Inspired by that finding, endocrinologist Jeffrey Flier and his colleagues from Beth Israel Deaconess Medical Center in Boston genetically engineered mice to overexpress the enzyme solely in their fat. Stress hormone levels in that tissue rose by 15% to 30%, but bloodstream levels were normal. As adults, they ate more, got fatter than normal mice, and carried the fat in a spare tire around their abdomen. The mice also showed the hallmarks of early diabetes and hypertension. And a high-fat diet accelerated the downward spiral of the pot-bellied rodents.
"This was really the first proof that manipulating steroid conversion in fat alone is enough to lead to all these abnormalities," says endocrinologist Stephen O'Rahilly of Addenbrooke's Hospital in Cambridge, U.K., who studies the genetics of obesity and diabetes. "I wish I'd done the experiment myself."
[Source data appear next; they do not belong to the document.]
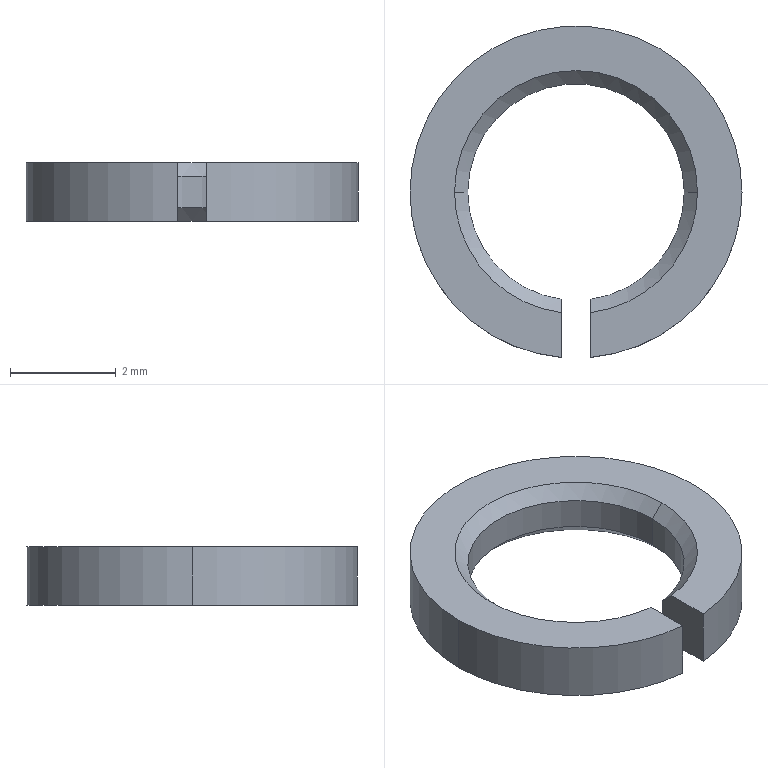Component | SolidWorks | GB_T93-1987StandardTypeSpringWasher4_1.1-6 | 1 solid | 16 faces | box 6.29 x 6.27 x 1.1 mm | volume 18 mm3 | cone 6 | cylinder 6 | plane 4 | commonest cylinder face diameters 4.1 x3 6.287 x3 | material 65Mn
build123d program:
from build123d import *

# Parameters (mm, degrees)
EXTRUDE1_DEPTH = 1.1
CHAMFER1_SIZE  = 0.25


with BuildPart() as part:
    # Sketch1 → Extrude1 (new body)
    with BuildSketch(Plane.XY):
        with BuildLine():
            Line((-0.275, 3.131), (-0.275, 2.031))
            ThreePointArc((-0.275, 2.031), (0, -2.05), (0.275, 2.031))
            Line((0.275, 2.031), (0.275, 3.131))
            ThreePointArc((0.275, 3.131), (0, -3.144), (-0.275, 3.131))
        make_face()
    extrude(amount=EXTRUDE1_DEPTH)

    # Chamfer1
    chamfer1_edges = [part.edges().sort_by_distance(p)[0] for p in [
        (0, -2.05, 1.1),
        (0, -2.05, 0),
    ]]
    chamfer(chamfer1_edges, length=CHAMFER1_SIZE)


solid = part.part

# Placed as in the assembly
solid = solid.moved(Location((58.994, 24.5, 13.9), (180, 0, 0)))
STEP:
#1=COLOUR_RGB('',0.7922,0.8196,0.9333);
#2=FILL_AREA_STYLE_COLOUR('',#1);
#3=FILL_AREA_STYLE('',(#2));
#4=SURFACE_STYLE_FILL_AREA(#3);
#5=SURFACE_SIDE_STYLE('',(#4));
#6=SURFACE_STYLE_USAGE(.BOTH.,#5);
#7=PRESENTATION_STYLE_ASSIGNMENT((#6));
#8=CARTESIAN_POINT('',(2.403,0.9646,0.5374));
#9=VERTEX_POINT('',#8);
#10=CARTESIAN_POINT('',(2.242,0.9646,0.5374));
#11=VERTEX_POINT('',#10);
#12=CARTESIAN_POINT('',(2.323,0.9646,0.5374));
#13=DIRECTION('',(0.,0.,1.));
#14=DIRECTION('',(1.,0.,0.));
#15=AXIS2_PLACEMENT_3D('',#12,#13,#14);
#16=CIRCLE('',#15,0.08071);
#17=EDGE_CURVE('',#9,#11,#16,.T.);
#18=ORIENTED_EDGE('',*,*,#17,.F.);
#19=CARTESIAN_POINT('',(2.413,0.9646,0.5472));
#20=VERTEX_POINT('',#19);
#21=CARTESIAN_POINT('',(2.403,0.9646,0.5374));
#22=DIRECTION('',(0.7071,0.,0.7071));
#23=VECTOR('',#22,39.37);
#24=LINE('',#21,#23);
#25=EDGE_CURVE('',#9,#20,#24,.T.);
#26=ORIENTED_EDGE('',*,*,#25,.T.);
#27=CARTESIAN_POINT('',(2.232,0.9646,0.5472));
#28=VERTEX_POINT('',#27);
#29=CARTESIAN_POINT('',(2.323,0.9646,0.5472));
#30=DIRECTION('',(0.,-0.,-1.));
#31=DIRECTION('',(1.,0.,0.));
#32=AXIS2_PLACEMENT_3D('',#29,#30,#31);
#33=CIRCLE('',#32,0.09055);
#34=EDGE_CURVE('',#28,#20,#33,.T.);
#35=ORIENTED_EDGE('',*,*,#34,.F.);
#36=CARTESIAN_POINT('',(2.242,0.9646,0.5374));
#37=DIRECTION('',(-0.7071,0.,0.7071));
#38=VECTOR('',#37,39.37);
#39=LINE('',#36,#38);
#40=EDGE_CURVE('',#11,#28,#39,.T.);
#41=ORIENTED_EDGE('',*,*,#40,.F.);
#42=EDGE_LOOP('',(#18,#26,#35,#41));
#43=FACE_OUTER_BOUND('',#42,.T.);
#44=CARTESIAN_POINT('',(2.323,0.9646,0.5374));
#45=DIRECTION('',(0.,0.,1.));
#46=DIRECTION('',(-1.,0.,0.));
#47=AXIS2_PLACEMENT_3D('',#44,#45,#46);
#48=CONICAL_SURFACE('',#47,0.08071,0.7854);
#49=ADVANCED_FACE('',(#43),#48,.F.);
#50=CARTESIAN_POINT('',(2.312,0.8846,0.5374));
#51=VERTEX_POINT('',#50);
#52=CARTESIAN_POINT('',(2.323,0.9646,0.5374));
#53=DIRECTION('',(0.,0.,1.));
#54=DIRECTION('',(1.,0.,0.));
#55=AXIS2_PLACEMENT_3D('',#52,#53,#54);
#56=CIRCLE('',#55,0.08071);
#57=EDGE_CURVE('',#11,#51,#56,.T.);
#58=ORIENTED_EDGE('',*,*,#57,.F.);
#59=ORIENTED_EDGE('',*,*,#40,.T.);
#60=CARTESIAN_POINT('',(2.312,0.8747,0.5472));
#61=VERTEX_POINT('',#60);
#62=CARTESIAN_POINT('',(2.323,0.9646,0.5472));
#63=DIRECTION('',(0.,-0.,-1.));
#64=DIRECTION('',(1.,0.,0.));
#65=AXIS2_PLACEMENT_3D('',#62,#63,#64);
#66=CIRCLE('',#65,0.09055);
#67=EDGE_CURVE('',#61,#28,#66,.T.);
#68=ORIENTED_EDGE('',*,*,#67,.F.);
#69=CARTESIAN_POINT('',(2.312,0.8846,0.5374));
#70=CARTESIAN_POINT('',(2.312,0.8813,0.5407));
#71=CARTESIAN_POINT('',(2.312,0.878,0.544));
#72=CARTESIAN_POINT('',(2.312,0.8747,0.5472));
#73=B_SPLINE_CURVE_WITH_KNOTS('',3,(#69,#70,#71,#72),.UNSPECIFIED.,.F.,.F.,(4,4),(0.,0.000355),.UNSPECIFIED.);
#74=EDGE_CURVE('',#51,#61,#73,.T.);
#75=ORIENTED_EDGE('',*,*,#74,.F.);
#76=EDGE_LOOP('',(#58,#59,#68,#75));
#77=FACE_OUTER_BOUND('',#76,.T.);
#78=CARTESIAN_POINT('',(2.323,0.9646,0.5374));
#79=DIRECTION('',(0.,0.,1.));
#80=DIRECTION('',(-1.,0.,0.));
#81=AXIS2_PLACEMENT_3D('',#78,#79,#80);
#82=CONICAL_SURFACE('',#81,0.08071,0.7854);
#83=ADVANCED_FACE('',(#77),#82,.F.);
#84=CARTESIAN_POINT('',(2.242,0.9646,0.5138));
#85=VERTEX_POINT('',#84);
#86=CARTESIAN_POINT('',(2.403,0.9646,0.5138));
#87=VERTEX_POINT('',#86);
#88=CARTESIAN_POINT('',(2.323,0.9646,0.5138));
#89=DIRECTION('',(0.,-0.,-1.));
#90=DIRECTION('',(1.,0.,0.));
#91=AXIS2_PLACEMENT_3D('',#88,#89,#90);
#92=CIRCLE('',#91,0.08071);
#93=EDGE_CURVE('',#85,#87,#92,.T.);
#94=ORIENTED_EDGE('',*,*,#93,.F.);
#95=CARTESIAN_POINT('',(2.232,0.9646,0.5039));
#96=VERTEX_POINT('',#95);
#97=CARTESIAN_POINT('',(2.232,0.9646,0.5039));
#98=DIRECTION('',(-0.7071,-0.,-0.7071));
#99=VECTOR('',#98,39.37);
#100=LINE('',#97,#99);
#101=EDGE_CURVE('',#85,#96,#100,.T.);
#102=ORIENTED_EDGE('',*,*,#101,.T.);
#103=CARTESIAN_POINT('',(2.413,0.9646,0.5039));
#104=VERTEX_POINT('',#103);
#105=CARTESIAN_POINT('',(2.323,0.9646,0.5039));
#106=DIRECTION('',(0.,0.,1.));
#107=DIRECTION('',(1.,0.,0.));
#108=AXIS2_PLACEMENT_3D('',#105,#106,#107);
#109=CIRCLE('',#108,0.09055);
#110=EDGE_CURVE('',#104,#96,#109,.T.);
#111=ORIENTED_EDGE('',*,*,#110,.F.);
#112=CARTESIAN_POINT('',(2.413,0.9646,0.5039));
#113=DIRECTION('',(0.7071,-0.,-0.7071));
#114=VECTOR('',#113,39.37);
#115=LINE('',#112,#114);
#116=EDGE_CURVE('',#87,#104,#115,.T.);
#117=ORIENTED_EDGE('',*,*,#116,.F.);
#118=EDGE_LOOP('',(#94,#102,#111,#117));
#119=FACE_OUTER_BOUND('',#118,.T.);
#120=CARTESIAN_POINT('',(2.323,0.9646,0.5039));
#121=DIRECTION('',(0.,-0.,-1.));
#122=DIRECTION('',(1.,0.,0.));
#123=AXIS2_PLACEMENT_3D('',#120,#121,#122);
#124=CONICAL_SURFACE('',#123,0.09055,0.7854);
#125=ADVANCED_FACE('',(#119),#124,.F.);
#126=CARTESIAN_POINT('',(2.333,0.8846,0.5138));
#127=VERTEX_POINT('',#126);
#128=CARTESIAN_POINT('',(2.323,0.9646,0.5138));
#129=DIRECTION('',(0.,-0.,-1.));
#130=DIRECTION('',(1.,0.,0.));
#131=AXIS2_PLACEMENT_3D('',#128,#129,#130);
#132=CIRCLE('',#131,0.08071);
#133=EDGE_CURVE('',#87,#127,#132,.T.);
#134=ORIENTED_EDGE('',*,*,#133,.F.);
#135=ORIENTED_EDGE('',*,*,#116,.T.);
#136=CARTESIAN_POINT('',(2.333,0.8747,0.5039));
#137=VERTEX_POINT('',#136);
#138=CARTESIAN_POINT('',(2.323,0.9646,0.5039));
#139=DIRECTION('',(0.,0.,1.));
#140=DIRECTION('',(1.,0.,0.));
#141=AXIS2_PLACEMENT_3D('',#138,#139,#140);
#142=CIRCLE('',#141,0.09055);
#143=EDGE_CURVE('',#137,#104,#142,.T.);
#144=ORIENTED_EDGE('',*,*,#143,.F.);
#145=CARTESIAN_POINT('',(2.333,0.8846,0.5138));
#146=CARTESIAN_POINT('',(2.333,0.8813,0.5105));
#147=CARTESIAN_POINT('',(2.333,0.878,0.5072));
#148=CARTESIAN_POINT('',(2.333,0.8747,0.5039));
#149=B_SPLINE_CURVE_WITH_KNOTS('',3,(#145,#146,#147,#148),.UNSPECIFIED.,.F.,.F.,(4,4),(0.,0.000355),.UNSPECIFIED.);
#150=EDGE_CURVE('',#127,#137,#149,.T.);
#151=ORIENTED_EDGE('',*,*,#150,.F.);
#152=EDGE_LOOP('',(#134,#135,#144,#151));
#153=FACE_OUTER_BOUND('',#152,.T.);
#154=CARTESIAN_POINT('',(2.323,0.9646,0.5039));
#155=DIRECTION('',(0.,-0.,-1.));
#156=DIRECTION('',(1.,0.,0.));
#157=AXIS2_PLACEMENT_3D('',#154,#155,#156);
#158=CONICAL_SURFACE('',#157,0.09055,0.7854);
#159=ADVANCED_FACE('',(#153),#158,.F.);
#160=ORIENTED_EDGE('',*,*,#93,.T.);
#161=CARTESIAN_POINT('',(2.403,0.9646,0.5039));
#162=DIRECTION('',(0.,0.,1.));
#163=VECTOR('',#162,39.37);
#164=LINE('',#161,#163);
#165=EDGE_CURVE('',#87,#9,#164,.T.);
#166=ORIENTED_EDGE('',*,*,#165,.T.);
#167=ORIENTED_EDGE('',*,*,#17,.T.);
#168=CARTESIAN_POINT('',(2.242,0.9646,0.5039));
#169=DIRECTION('',(0.,0.,1.));
#170=VECTOR('',#169,39.37);
#171=LINE('',#168,#170);
#172=EDGE_CURVE('',#85,#11,#171,.T.);
#173=ORIENTED_EDGE('',*,*,#172,.F.);
#174=EDGE_LOOP('',(#160,#166,#167,#173));
#175=FACE_OUTER_BOUND('',#174,.T.);
#176=CARTESIAN_POINT('',(2.323,0.9646,0.5039));
#177=DIRECTION('',(0.,0.,1.));
#178=DIRECTION('',(-1.,0.,0.));
#179=AXIS2_PLACEMENT_3D('',#176,#177,#178);
#180=CYLINDRICAL_SURFACE('',#179,0.08071);
#181=ADVANCED_FACE('',(#175),#180,.F.);
#182=CARTESIAN_POINT('',(2.312,0.8846,0.5138));
#183=VERTEX_POINT('',#182);
#184=CARTESIAN_POINT('',(2.323,0.9646,0.5138));
#185=DIRECTION('',(0.,-0.,-1.));
#186=DIRECTION('',(1.,0.,0.));
#187=AXIS2_PLACEMENT_3D('',#184,#185,#186);
#188=CIRCLE('',#187,0.08071);
#189=EDGE_CURVE('',#183,#85,#188,.T.);
#190=ORIENTED_EDGE('',*,*,#189,.T.);
#191=ORIENTED_EDGE('',*,*,#172,.T.);
#192=ORIENTED_EDGE('',*,*,#57,.T.);
#193=CARTESIAN_POINT('',(2.312,0.8846,0.5039));
#194=DIRECTION('',(0.,0.,1.));
#195=VECTOR('',#194,39.37);
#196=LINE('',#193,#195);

Meanwhile, two recent clinical observations support the team's results: In April, Joel Berger's group at Merck Research Laboratories in Rahway, New Jersey, showed that a class of antidiabetic drugs now on the market suppresses 11b HSD-1 levels in fat cells. And Eva Rask of Umeå University Hospital in Sweden and Brian Walker of the University of Edinburgh, U.K., report that obese men express higher levels of 11b HSD-1 activity in fat tissue than do lean males.
Flier and O'Rahilly both say they are aware of drug companies that have in hand, or are scrambling to come up with, other potent inhibitors of the enzyme. Such compounds might be used to treat obesity by altering stress hormone levels in belly fat.